We start by importing the SimpleITK python module
import SimpleITK as sitk
We download a specific image from the Figshare data sharing and hosting site
import urllib
import os.path
destination = '/tmp/TralitusSaltrator.jpg'
source = 'http://files.figshare.com/1546044/IMG_0974.jpg'
and we download the image file, only if it doesn't already exist in our local disk
if not os.path.isfile(destination):
urllib.urlretrieve(source,destination)
Then we read in an image
colorimage = sitk.ReadImage(destination)
Typical image fileformats such as PNG and JPG will be read as color images (three channels matching RGB components).
image = sitk.VectorMagnitude(colorimage)
We extract the pixel data in the form of a numpy array, that then we visualize using the Matplotlib python module
imshow(sitk.GetArrayFromImage(image));
By default, imshow would use a rainbow colormap.
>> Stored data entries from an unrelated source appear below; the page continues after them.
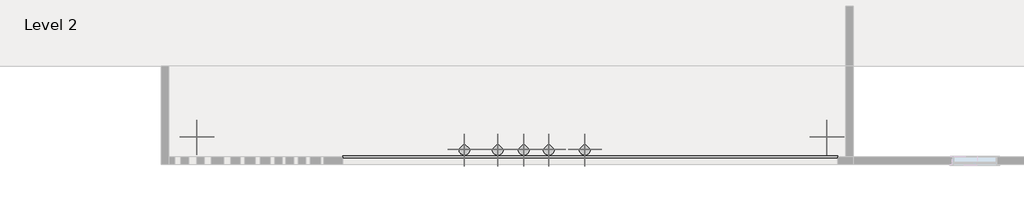
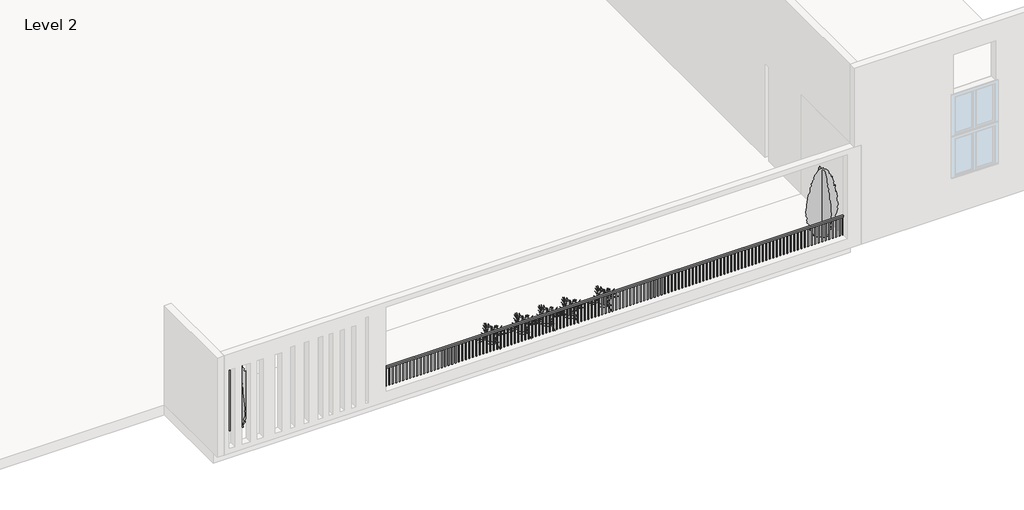
# One storey, part 2 of 2: 7 geographic elements, 1 railing.
"""IFC4 building model written with IfcOpenShell, lengths in millimetres."""

from ifc_helpers import new_model, si_unit, frame, origin, place, context, project, spatial, polyline, outline, extrude, transform, mapped, element, save
from components import rpc_plant_tropical_agave_1_5_93a2a214, rpc_tree_conifer_chinese_juniper_7_1b9786cd

model = new_model("IFC4")

# Units and contexts
model_context = context("Model", 3, world=origin())
ifc_project = project(units=[si_unit("LENGTHUNIT", "METRE", prefix="MILLI")], contexts=[model_context])

# Site, building, storey
site = spatial("IfcSite", under=ifc_project)
building = spatial("IfcBuilding", under=site)
storey = spatial("IfcBuildingStorey", under=building, Name="Level 2", Elevation=3200.4)

# Geographic elements
placement = place(None, origin())
rpc_plant_tropical_agave_1_5_shape = rpc_plant_tropical_agave_1_5_93a2a214(model_context)
element("IfcGeographicElement", 1, ObjectType="RPC Plant - Tropical : Agave - 1.5'", at=placement, inside=storey, context=model_context, shape_type="MappedRepresentation", body=[
    mapped(rpc_plant_tropical_agave_1_5_shape, transform((-1518.2073975, -18818.2462052, 3657.6), x_axis=(1.0, 0.0, 0.0), y_axis=(0.0, 1.0, 0.0), z_axis=(0.0, 0.0, 1.0))),
])
element("IfcGeographicElement", 2, ObjectType="RPC Plant - Tropical : Agave - 1.5'", at=placement, inside=storey, context=model_context, shape_type="MappedRepresentation", body=[
    mapped(rpc_plant_tropical_agave_1_5_shape, transform((-616.8826315, -18818.2462052, 3657.6), x_axis=(1.0, 0.0, 0.0), y_axis=(0.0, 1.0, 0.0), z_axis=(0.0, 0.0, 1.0))),
])
element("IfcGeographicElement", 3, ObjectType="RPC Plant - Tropical : Agave - 1.5'", at=placement, inside=storey, context=model_context, shape_type="MappedRepresentation", body=[
    mapped(rpc_plant_tropical_agave_1_5_shape, transform((88.759784, -18818.2462052, 3657.6), x_axis=(1.0, 0.0, 0.0), y_axis=(0.0, 1.0, 0.0), z_axis=(0.0, 0.0, 1.0))),
])
element("IfcGeographicElement", 4, ObjectType="RPC Plant - Tropical : Agave - 1.5'", at=placement, inside=storey, context=model_context, shape_type="MappedRepresentation", body=[
    mapped(rpc_plant_tropical_agave_1_5_shape, transform((764.7533585, -18818.2462052, 3657.6), x_axis=(1.0, 0.0, 0.0), y_axis=(0.0, 1.0, 0.0), z_axis=(0.0, 0.0, 1.0))),
])
element("IfcGeographicElement", 5, ObjectType="RPC Plant - Tropical : Agave - 1.5'", at=placement, inside=storey, context=model_context, shape_type="MappedRepresentation", body=[
    mapped(rpc_plant_tropical_agave_1_5_shape, transform((1745.1760973, -18818.2462052, 3657.6), x_axis=(1.0, 0.0, 0.0), y_axis=(0.0, 1.0, 0.0), z_axis=(0.0, 0.0, 1.0))),
])
rpc_tree_conifer_chinese_juniper_7_shape = rpc_tree_conifer_chinese_juniper_7_1b9786cd(model_context)
element("IfcGeographicElement", 6, ObjectType="RPC Tree - Conifer : Chinese Juniper - 7'", at=placement, inside=storey, context=model_context, shape_type="MappedRepresentation", body=[
    mapped(rpc_tree_conifer_chinese_juniper_7_shape, transform((8298.1794262, -18476.470124, 3200.4), x_axis=(1.0, 0.0, 0.0), y_axis=(0.0, 1.0, 0.0), z_axis=(0.0, 0.0, 1.0))),
])
element("IfcGeographicElement", 7, ObjectType="RPC Tree - Conifer : Chinese Juniper - 7'", at=placement, inside=storey, context=model_context, shape_type="MappedRepresentation", body=[
    mapped(rpc_tree_conifer_chinese_juniper_7_shape, transform((-8770.6205738, -18476.470124, 3200.4), x_axis=(1.0, 0.0, 0.0), y_axis=(0.0, 1.0, 0.0), z_axis=(0.0, 0.0, 1.0))),
])

# Railing
element("IfcRailing", 8, ObjectType="Handrail - Rectangular", at=placement, inside=storey, context=model_context, shape_type="SweptSolid", body=[
    extrude(outline(polyline([(-4809.1668389, -19046.8462052), (-4809.1668389, -18996.0462052), (8602.0331611, -18996.0462052), (8602.0331611, -19046.8462052), (-4809.1668389, -19046.8462052)])), frame((0.0, 0.0, 4064.0), z_axis=(0.0, 0.0, 1.0), x_axis=(1.0, 0.0, 0.0)), (0.0, 0.0, 1.0), 50.8),
    extrude(outline(polyline([(8490.9081611, -19030.9712052), (8490.9081611, -19011.9212052), (8509.9581611, -19011.9212052), (8509.9581611, -19030.9712052), (8490.9081611, -19030.9712052)])), frame((0.0, 0.0, 3200.4), z_axis=(0.0, 0.0, 1.0), x_axis=(1.0, 0.0, 0.0)), (0.0, 0.0, 1.0), 863.6),
    extrude(outline(polyline([(8389.3081611, -19030.9712052), (8389.3081611, -19011.9212052), (8408.3581611, -19011.9212052), (8408.3581611, -19030.9712052), (8389.3081611, -19030.9712052)])), frame((0.0, 0.0, 3200.4), z_axis=(0.0, 0.0, 1.0), x_axis=(1.0, 0.0, 0.0)), (0.0, 0.0, 1.0), 863.6),
    extrude(outline(polyline([(8287.7081611, -19030.9712052), (8287.7081611, -19011.9212052), (8306.7581611, -19011.9212052), (8306.7581611, -19030.9712052), (8287.7081611, -19030.9712052)])), frame((0.0, 0.0, 3200.4), z_axis=(0.0, 0.0, 1.0), x_axis=(1.0, 0.0, 0.0)), (0.0, 0.0, 1.0), 863.6),
    extrude(outline(polyline([(8186.1081611, -19030.9712052), (8186.1081611, -19011.9212052), (8205.1581611, -19011.9212052), (8205.1581611, -19030.9712052), (8186.1081611, -19030.9712052)])), frame((0.0, 0.0, 3200.4), z_axis=(0.0, 0.0, 1.0), x_axis=(1.0, 0.0, 0.0)), (0.0, 0.0, 1.0), 863.6),
    extrude(outline(polyline([(8084.5081611, -19030.9712052), (8084.5081611, -19011.9212052), (8103.5581611, -19011.9212052), (8103.5581611, -19030.9712052), (8084.5081611, -19030.9712052)])), frame((0.0, 0.0, 3200.4), z_axis=(0.0, 0.0, 1.0), x_axis=(1.0, 0.0, 0.0)), (0.0, 0.0, 1.0), 863.6),
    extrude(outline(polyline([(7982.9081611, -19030.9712052), (7982.9081611, -19011.9212052), (8001.9581611, -19011.9212052), (8001.9581611, -19030.9712052), (7982.9081611, -19030.9712052)])), frame((0.0, 0.0, 3200.4), z_axis=(0.0, 0.0, 1.0), x_axis=(1.0, 0.0, 0.0)), (0.0, 0.0, 1.0), 863.6),
    extrude(outline(polyline([(7881.3081611, -19030.9712052), (7881.3081611, -19011.9212052), (7900.3581611, -19011.9212052), (7900.3581611, -19030.9712052), (7881.3081611, -19030.9712052)])), frame((0.0, 0.0, 3200.4), z_axis=(0.0, 0.0, 1.0), x_axis=(1.0, 0.0, 0.0)), (0.0, 0.0, 1.0), 863.6),
    extrude(outline(polyline([(7779.7081611, -19030.9712052), (7779.7081611, -19011.9212052), (7798.7581611, -19011.9212052), (7798.7581611, -19030.9712052), (7779.7081611, -19030.9712052)])), frame((0.0, 0.0, 3200.4), z_axis=(0.0, 0.0, 1.0), x_axis=(1.0, 0.0, 0.0)), (0.0, 0.0, 1.0), 863.6),
    extrude(outline(polyline([(7678.1081611, -19030.9712052), (7678.1081611, -19011.9212052), (7697.1581611, -19011.9212052), (7697.1581611, -19030.9712052), (7678.1081611, -19030.9712052)])), frame((0.0, 0.0, 3200.4), z_axis=(0.0, 0.0, 1.0), x_axis=(1.0, 0.0, 0.0)), (0.0, 0.0, 1.0), 863.6),
    extrude(outline(polyline([(7576.5081611, -19030.9712052), (7576.5081611, -19011.9212052), (7595.5581611, -19011.9212052), (7595.5581611, -19030.9712052), (7576.5081611, -19030.9712052)])), frame((0.0, 0.0, 3200.4), z_axis=(0.0, 0.0, 1.0), x_axis=(1.0, 0.0, 0.0)), (0.0, 0.0, 1.0), 863.6),
    extrude(outline(polyline([(7474.9081611, -19030.9712052), (7474.9081611, -19011.9212052), (7493.9581611, -19011.9212052), (7493.9581611, -19030.9712052), (7474.9081611, -19030.9712052)])), frame((0.0, 0.0, 3200.4), z_axis=(0.0, 0.0, 1.0), x_axis=(1.0, 0.0, 0.0)), (0.0, 0.0, 1.0), 863.6),
    extrude(outline(polyline([(7373.3081611, -19030.9712052), (7373.3081611, -19011.9212052), (7392.3581611, -19011.9212052), (7392.3581611, -19030.9712052), (7373.3081611, -19030.9712052)])), frame((0.0, 0.0, 3200.4), z_axis=(0.0, 0.0, 1.0), x_axis=(1.0, 0.0, 0.0)), (0.0, 0.0, 1.0), 863.6),
    extrude(outline(polyline([(7271.7081611, -19030.9712052), (7271.7081611, -19011.9212052), (7290.7581611, -19011.9212052), (7290.7581611, -19030.9712052), (7271.7081611, -19030.9712052)])), frame((0.0, 0.0, 3200.4), z_axis=(0.0, 0.0, 1.0), x_axis=(1.0, 0.0, 0.0)), (0.0, 0.0, 1.0), 863.6),
    extrude(outline(polyline([(7170.1081611, -19030.9712052), (7170.1081611, -19011.9212052), (7189.1581611, -19011.9212052), (7189.1581611, -19030.9712052), (7170.1081611, -19030.9712052)])), frame((0.0, 0.0, 3200.4), z_axis=(0.0, 0.0, 1.0), x_axis=(1.0, 0.0, 0.0)), (0.0, 0.0, 1.0), 863.6),
    extrude(outline(polyline([(7068.5081611, -19030.9712052), (7068.5081611, -19011.9212052), (7087.5581611, -19011.9212052), (7087.5581611, -19030.9712052), (7068.5081611, -19030.9712052)])), frame((0.0, 0.0, 3200.4), z_axis=(0.0, 0.0, 1.0), x_axis=(1.0, 0.0, 0.0)), (0.0, 0.0, 1.0), 863.6),
    extrude(outline(polyline([(6966.9081611, -19030.9712052), (6966.9081611, -19011.9212052), (6985.9581611, -19011.9212052), (6985.9581611, -19030.9712052), (6966.9081611, -19030.9712052)])), frame((0.0, 0.0, 3200.4), z_axis=(0.0, 0.0, 1.0), x_axis=(1.0, 0.0, 0.0)), (0.0, 0.0, 1.0), 863.6),
    extrude(outline(polyline([(6865.3081611, -19030.9712052), (6865.3081611, -19011.9212052), (6884.3581611, -19011.9212052), (6884.3581611, -19030.9712052), (6865.3081611, -19030.9712052)])), frame((0.0, 0.0, 3200.4), z_axis=(0.0, 0.0, 1.0), x_axis=(1.0, 0.0, 0.0)), (0.0, 0.0, 1.0), 863.6),
    extrude(outline(polyline([(6763.7081611, -19030.9712052), (6763.7081611, -19011.9212052), (6782.7581611, -19011.9212052), (6782.7581611, -19030.9712052), (6763.7081611, -19030.9712052)])), frame((0.0, 0.0, 3200.4), z_axis=(0.0, 0.0, 1.0), x_axis=(1.0, 0.0, 0.0)), (0.0, 0.0, 1.0), 863.6),
    extrude(outline(polyline([(6662.1081611, -19030.9712052), (6662.1081611, -19011.9212052), (6681.1581611, -19011.9212052), (6681.1581611, -19030.9712052), (6662.1081611, -19030.9712052)])), frame((0.0, 0.0, 3200.4), z_axis=(0.0, 0.0, 1.0), x_axis=(1.0, 0.0, 0.0)), (0.0, 0.0, 1.0), 863.6),
    extrude(outline(polyline([(6560.5081611, -19030.9712052), (6560.5081611, -19011.9212052), (6579.5581611, -19011.9212052), (6579.5581611, -19030.9712052), (6560.5081611, -19030.9712052)])), frame((0.0, 0.0, 3200.4), z_axis=(0.0, 0.0, 1.0), x_axis=(1.0, 0.0, 0.0)), (0.0, 0.0, 1.0), 863.6),
    extrude(outline(polyline([(6458.9081611, -19030.9712052), (6458.9081611, -19011.9212052), (6477.9581611, -19011.9212052), (6477.9581611, -19030.9712052), (6458.9081611, -19030.9712052)])), frame((0.0, 0.0, 3200.4), z_axis=(0.0, 0.0, 1.0), x_axis=(1.0, 0.0, 0.0)), (0.0, 0.0, 1.0), 863.6),
    extrude(outline(polyline([(6357.3081611, -19030.9712052), (6357.3081611, -19011.9212052), (6376.3581611, -19011.9212052), (6376.3581611, -19030.9712052), (6357.3081611, -19030.9712052)])), frame((0.0, 0.0, 3200.4), z_axis=(0.0, 0.0, 1.0), x_axis=(1.0, 0.0, 0.0)), (0.0, 0.0, 1.0), 863.6),
    extrude(outline(polyline([(6255.7081611, -19030.9712052), (6255.7081611, -19011.9212052), (6274.7581611, -19011.9212052), (6274.7581611, -19030.9712052), (6255.7081611, -19030.9712052)])), frame((0.0, 0.0, 3200.4), z_axis=(0.0, 0.0, 1.0), x_axis=(1.0, 0.0, 0.0)), (0.0, 0.0, 1.0), 863.6),
    extrude(outline(polyline([(6154.1081611, -19030.9712052), (6154.1081611, -19011.9212052), (6173.1581611, -19011.9212052), (6173.1581611, -19030.9712052), (6154.1081611, -19030.9712052)])), frame((0.0, 0.0, 3200.4), z_axis=(0.0, 0.0, 1.0), x_axis=(1.0, 0.0, 0.0)), (0.0, 0.0, 1.0), 863.6),
    extrude(outline(polyline([(6052.5081611, -19030.9712052), (6052.5081611, -19011.9212052), (6071.5581611, -19011.9212052), (6071.5581611, -19030.9712052), (6052.5081611, -19030.9712052)])), frame((0.0, 0.0, 3200.4), z_axis=(0.0, 0.0, 1.0), x_axis=(1.0, 0.0, 0.0)), (0.0, 0.0, 1.0), 863.6),
    extrude(outline(polyline([(5950.9081611, -19030.9712052), (5950.9081611, -19011.9212052), (5969.9581611, -19011.9212052), (5969.9581611, -19030.9712052), (5950.9081611, -19030.9712052)])), frame((0.0, 0.0, 3200.4), z_axis=(0.0, 0.0, 1.0), x_axis=(1.0, 0.0, 0.0)), (0.0, 0.0, 1.0), 863.6),
    extrude(outline(polyline([(5849.3081611, -19030.9712052), (5849.3081611, -19011.9212052), (5868.3581611, -19011.9212052), (5868.3581611, -19030.9712052), (5849.3081611, -19030.9712052)])), frame((0.0, 0.0, 3200.4), z_axis=(0.0, 0.0, 1.0), x_axis=(1.0, 0.0, 0.0)), (0.0, 0.0, 1.0), 863.6),
    extrude(outline(polyline([(5747.7081611, -19030.9712052), (5747.7081611, -19011.9212052), (5766.7581611, -19011.9212052), (5766.7581611, -19030.9712052), (5747.7081611, -19030.9712052)])), frame((0.0, 0.0, 3200.4), z_axis=(0.0, 0.0, 1.0), x_axis=(1.0, 0.0, 0.0)), (0.0, 0.0, 1.0), 863.6),
    extrude(outline(polyline([(5646.1081611, -19030.9712052), (5646.1081611, -19011.9212052), (5665.1581611, -19011.9212052), (5665.1581611, -19030.9712052), (5646.1081611, -19030.9712052)])), frame((0.0, 0.0, 3200.4), z_axis=(0.0, 0.0, 1.0), x_axis=(1.0, 0.0, 0.0)), (0.0, 0.0, 1.0), 863.6),
    extrude(outline(polyline([(5544.5081611, -19030.9712052), (5544.5081611, -19011.9212052), (5563.5581611, -19011.9212052), (5563.5581611, -19030.9712052), (5544.5081611, -19030.9712052)])), frame((0.0, 0.0, 3200.4), z_axis=(0.0, 0.0, 1.0), x_axis=(1.0, 0.0, 0.0)), (0.0, 0.0, 1.0), 863.6),
    extrude(outline(polyline([(5442.9081611, -19030.9712052), (5442.9081611, -19011.9212052), (5461.9581611, -19011.9212052), (5461.9581611, -19030.9712052), (5442.9081611, -19030.9712052)])), frame((0.0, 0.0, 3200.4), z_axis=(0.0, 0.0, 1.0), x_axis=(1.0, 0.0, 0.0)), (0.0, 0.0, 1.0), 863.6),
    extrude(outline(polyline([(5341.3081611, -19030.9712052), (5341.3081611, -19011.9212052), (5360.3581611, -19011.9212052), (5360.3581611, -19030.9712052), (5341.3081611, -19030.9712052)])), frame((0.0, 0.0, 3200.4), z_axis=(0.0, 0.0, 1.0), x_axis=(1.0, 0.0, 0.0)), (0.0, 0.0, 1.0), 863.6),
    extrude(outline(polyline([(5239.7081611, -19030.9712052), (5239.7081611, -19011.9212052), (5258.7581611, -19011.9212052), (5258.7581611, -19030.9712052), (5239.7081611, -19030.9712052)])), frame((0.0, 0.0, 3200.4), z_axis=(0.0, 0.0, 1.0), x_axis=(1.0, 0.0, 0.0)), (0.0, 0.0, 1.0), 863.6),
    extrude(outline(polyline([(5138.1081611, -19030.9712052), (5138.1081611, -19011.9212052), (5157.1581611, -19011.9212052), (5157.1581611, -19030.9712052), (5138.1081611, -19030.9712052)])), frame((0.0, 0.0, 3200.4), z_axis=(0.0, 0.0, 1.0), x_axis=(1.0, 0.0, 0.0)), (0.0, 0.0, 1.0), 863.6),
    extrude(outline(polyline([(5036.5081611, -19030.9712052), (5036.5081611, -19011.9212052), (5055.5581611, -19011.9212052), (5055.5581611, -19030.9712052), (5036.5081611, -19030.9712052)])), frame((0.0, 0.0, 3200.4), z_axis=(0.0, 0.0, 1.0), x_axis=(1.0, 0.0, 0.0)), (0.0, 0.0, 1.0), 863.6),
    extrude(outline(polyline([(4934.9081611, -19030.9712052), (4934.9081611, -19011.9212052), (4953.9581611, -19011.9212052), (4953.9581611, -19030.9712052), (4934.9081611, -19030.9712052)])), frame((0.0, 0.0, 3200.4), z_axis=(0.0, 0.0, 1.0), x_axis=(1.0, 0.0, 0.0)), (0.0, 0.0, 1.0), 863.6),
    extrude(outline(polyline([(4833.3081611, -19030.9712052), (4833.3081611, -19011.9212052), (4852.3581611, -19011.9212052), (4852.3581611, -19030.9712052), (4833.3081611, -19030.9712052)])), frame((0.0, 0.0, 3200.4), z_axis=(0.0, 0.0, 1.0), x_axis=(1.0, 0.0, 0.0)), (0.0, 0.0, 1.0), 863.6),
    extrude(outline(polyline([(4731.7081611, -19030.9712052), (4731.7081611, -19011.9212052), (4750.7581611, -19011.9212052), (4750.7581611, -19030.9712052), (4731.7081611, -19030.9712052)])), frame((0.0, 0.0, 3200.4), z_axis=(0.0, 0.0, 1.0), x_axis=(1.0, 0.0, 0.0)), (0.0, 0.0, 1.0), 863.6),
    extrude(outline(polyline([(4630.1081611, -19030.9712052), (4630.1081611, -19011.9212052), (4649.1581611, -19011.9212052), (4649.1581611, -19030.9712052), (4630.1081611, -19030.9712052)])), frame((0.0, 0.0, 3200.4), z_axis=(0.0, 0.0, 1.0), x_axis=(1.0, 0.0, 0.0)), (0.0, 0.0, 1.0), 863.6),
    extrude(outline(polyline([(4528.5081611, -19030.9712052), (4528.5081611, -19011.9212052), (4547.5581611, -19011.9212052), (4547.5581611, -19030.9712052), (4528.5081611, -19030.9712052)])), frame((0.0, 0.0, 3200.4), z_axis=(0.0, 0.0, 1.0), x_axis=(1.0, 0.0, 0.0)), (0.0, 0.0, 1.0), 863.6),
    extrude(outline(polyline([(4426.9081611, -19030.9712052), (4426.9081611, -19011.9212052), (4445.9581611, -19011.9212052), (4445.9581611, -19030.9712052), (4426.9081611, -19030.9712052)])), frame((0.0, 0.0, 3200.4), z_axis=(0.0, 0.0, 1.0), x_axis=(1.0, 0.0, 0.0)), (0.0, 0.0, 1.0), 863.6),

We can change that by selecting from http://wiki.scipy.org/Cookbook/Matplotlib/Show_colormaps
import matplotlib.pyplot as plt
import matplotlib.cm as cm
imshow(sitk.GetArrayFromImage(image),cmap=cm.gray);
Add cells here for experimenting with two other color maps from the SciPy wiki list above.
Note that you don't need to repeat the import of matplotlib modules.
Just call imshow() with different arguments in "cmap" color map.
Smooting is often used to reduce noise.
This is a relatively fast filter for smoothing an image along all directions.
Here we are showing off, how cool of equations we can add to the notebook
$$ SI(x') = \int^\infty_\infty{I(x'-x) e^{-x^2}}$$
We need to specify the Sigma value of the Gaussian function to use.
Experiment with the values of Sigma and see its effect on the image.
rgsmootherfilter = sitk.SmoothingRecursiveGaussianImageFilter()
rgsmootherfilter.SetSigma(2.5)
rgsmootherfilter.SetNormalizeAcrossScale(1)
rgsmoothedimage = rgsmootherfilter.Execute(image)
imshow(sitk.GetArrayFromImage(rgsmoothedimage),cmap=cm.gray);
The parameters of the filter can also be passed directly to the Execute() function as:
rgsmoothedimage = rgsmootherfilter.Execute(image,3.5,1)
imshow(sitk.GetArrayFromImage(rgsmoothedimage),cmap=cm.gray);
The Median filter is commonly used to provide robust smoothing of an image.
Its main parameter is the size of the neirborhood over which the median of pixels intensities is computed.
The neighborhood size is specified in terms of an integer number representing the radius of a Manhattan distance.
Therefore, a radius of 3 means that we will use a neighborhood of 7x7 pixels: 7 = 3 + 1 + 3
Experiment with the values of the Radius and see the effect on the smoothed image
medianfilter = sitk.MedianImageFilter()
medianfilter.SetRadius(3)
medianimage = medianfilter.Execute(image)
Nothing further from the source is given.